Sparse data (bit density < 6.25%)
Sparse keys primarily use array containers. Memory scales linearly: key capacity = cardinality × 2 bytes.
| Cardinality | RLE containers | Array containers | Bitset containers | Heap memory (bytes) |
|---|---|---|---|---|
| 37,700,484 | — | 65,536 | — | 75,400,968 |
| 75,011,384 | — | 65,536 | — | 150,022,768 |
| 100,403,264 | — | 65,536 | — | 200,806,528 |
| 163,090,592 | — | 65,536 | — | 326,181,184 |
Random data
As cardinality increases, array containers convert to bitset containers. Heap memory stabilizes at 536,870,912 bytes when all containers are bitset containers.
| Cardinality | RLE containers | Array containers | Bitset containers | Heap memory (bytes) |
|---|---|---|---|---|
| 253,104,088 | — | 65,534 | 2 | 506,208,102 |
| 261,169,659 | — | 63,273 | 2,263 | 522,227,634 |
| 267,974,804 | — | 35,932 | 29,604 | 533,159,296 |
| 273,694,253 | — | 6,607 | 58,929 | 536,491,922 |
| 343,504,134 | — | 0 | 65,536 | 536,870,912 |
| 535,589,835 | — | 0 | 65,536 | 536,870,912 |
Consecutive bits
Memory usage for consecutive bit distributions is closely tied to the specific bit pattern and has high variance. These results are not representative for general planning.
Multi-key tests
Write and read commands
TR.SETBITS writes 100 random bits per call. Each test runs 20 concurrent connections across 100,000 distinct keys.
Sample command:
./redis -h r-**********0d7f.redis.zhangbei.rds.aliyuncs.com \
-a user:password \
-d 30 \
-r 10000000 \
-r2 100000 \
-command "TR.SETBITS foo-__RAND2__ __RAND__ __RAND__ ... (100 times)" \
-p 20| Command | Records per request | QPS | Avg latency (ms) |
|---|---|---|---|
| TR.SETBIT | 1 | 91,003 | 0.43 |
| TR.SETBITS | 100 | 15,127 | 0.96 |
| TR.GETBIT | 1 | 154,941 | 0.32 |
| TR.GETBITS | 100 | 40,166 | 1.08 |
| TR.SCAN | 100 | 104,637 | 0.47 |
| TR.RANK | — | 151,161 | 0.32 |

Bitwise operations
TR.BITOP
TR.BITOP performs a bitwise operation on multiple keys and stores the result in a new key.

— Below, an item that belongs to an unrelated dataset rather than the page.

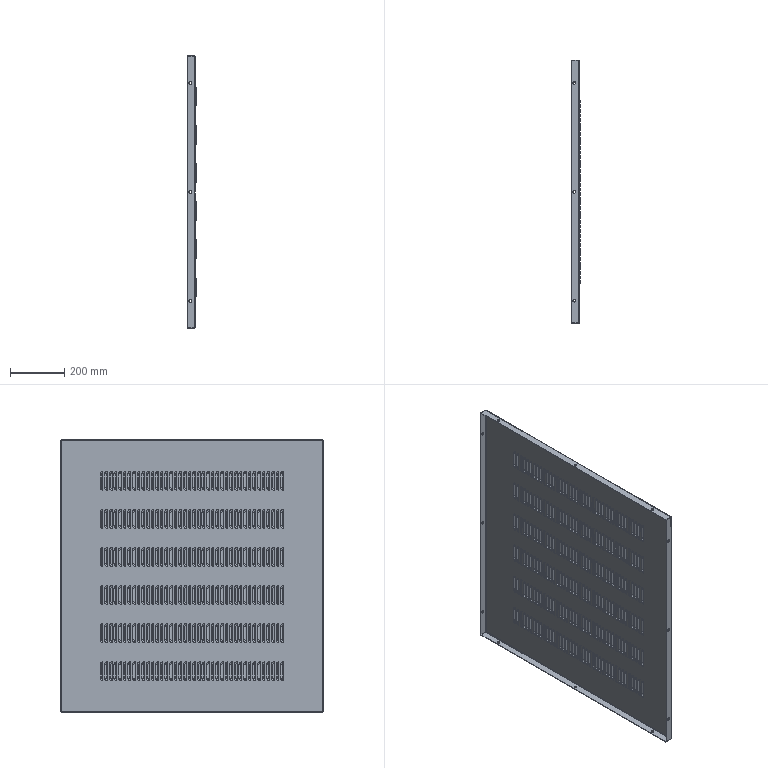Component | SolidWorks | 38SidePlate-2 | 1 solid | 2462 faces | volume 2223173 mm3 | plane 982 | torus 960 | cylinder 512 | spline 8 | commonest cylinder face diameters 10 x264 14 x240 2 x4 6 x4

Supported operations: AND, OR, NOT, DIFF, and XOR.
Sample command:
./redis -h r-**********0d7f.redis.zhangbei.rds.aliyuncs.com \
-a user:password \
-d 30 \
-r 100000 \
-r2 10000000 \
-command "TR.BITOP dest-__RAND__ AND foo-__RAND__ foo-__RAND__" \
-p 3 \
-c 1| Operation | Concurrent connections | QPS | Avg latency (ms) |
|---|---|---|---|
| AND | 3 | 940 | 3.18 |
| OR | 2 | 595 | 3.45 |
| XOR | 2 | 551 | 3.61 |
| DIFF | 3 | 3,577 | 0.83 |
| NOT | 1 | 1,281 | 0.77 |

TR.BITOPCARD
TR.BITOPCARD performs a bitwise operation on multiple keys and returns the count of bits set to 1, without writing a result key. Supported operations: AND, OR, NOT, DIFF, and XOR.
Sample command:
./redis -h r-**********0d7f.redis.zhangbei.rds.aliyuncs.com \
-a user:password \
-d 30 \
-r 100000 \
-r2 10000000 \
-command "TR.BITOPCARD AND foo-__RAND__ foo-__RAND__" \
-p 2 \
-c 1| Operation | Concurrent connections | QPS | Avg latency (ms) |
|---|---|---|---|
| AND | 2 | 971 | 2.05 |
| OR | 2 | 609 | 3.27 |
| XOR | 2 | 572 | 3.48 |
| DIFF | 2 | 4,290 | 0.46 |
| NOT | 2 | 3,577 | 0.55 |

Cluster architecture benchmarks
These tests measure horizontal scaling across four DRAM-based cluster instances. Each test runs single-key commands with 20 concurrent connections. The commands tested are TR.GETBIT, TR.GETBITS, TR.SETBIT, and TR.SETBITS.
Sample command:
./redis -h r-**********0d7f.redis.zhangbei.rds.aliyuncs.com \
-a user:password \
-d 30 \
-r 100000 \
-r2 10000000 \
-command "TR.SETBIT foo-__RAND__ bar-__RAND2__" \
-p 20 \
-c 1Results:
| Command | 2 shards (8 GB) | 4 shards (16 GB) | 8 shards (32 GB) | 16 shards (64 GB) |
|---|---|---|---|---|
| TR.GETBIT | 590,742 | 567,738 | 569,610 | 555,178 |
| TR.GETBITS | 53,900 | 91,991 | 172,969 | 229,214 |
| TR.SETBIT | 316,753 | 530,367 | 577,406 | 558,301 |
| TR.SETBITS | 31,917 | 57,843 | 116,614 | 160,891 |

TR.GETBIT QPS is roughly flat across shard counts because single-bit reads already saturate per-shard capacity at 2 shards. TR.GETBITS and TR.SETBITS scale nearly linearly with shard count because each multi-record request distributes work across shards through the proxy.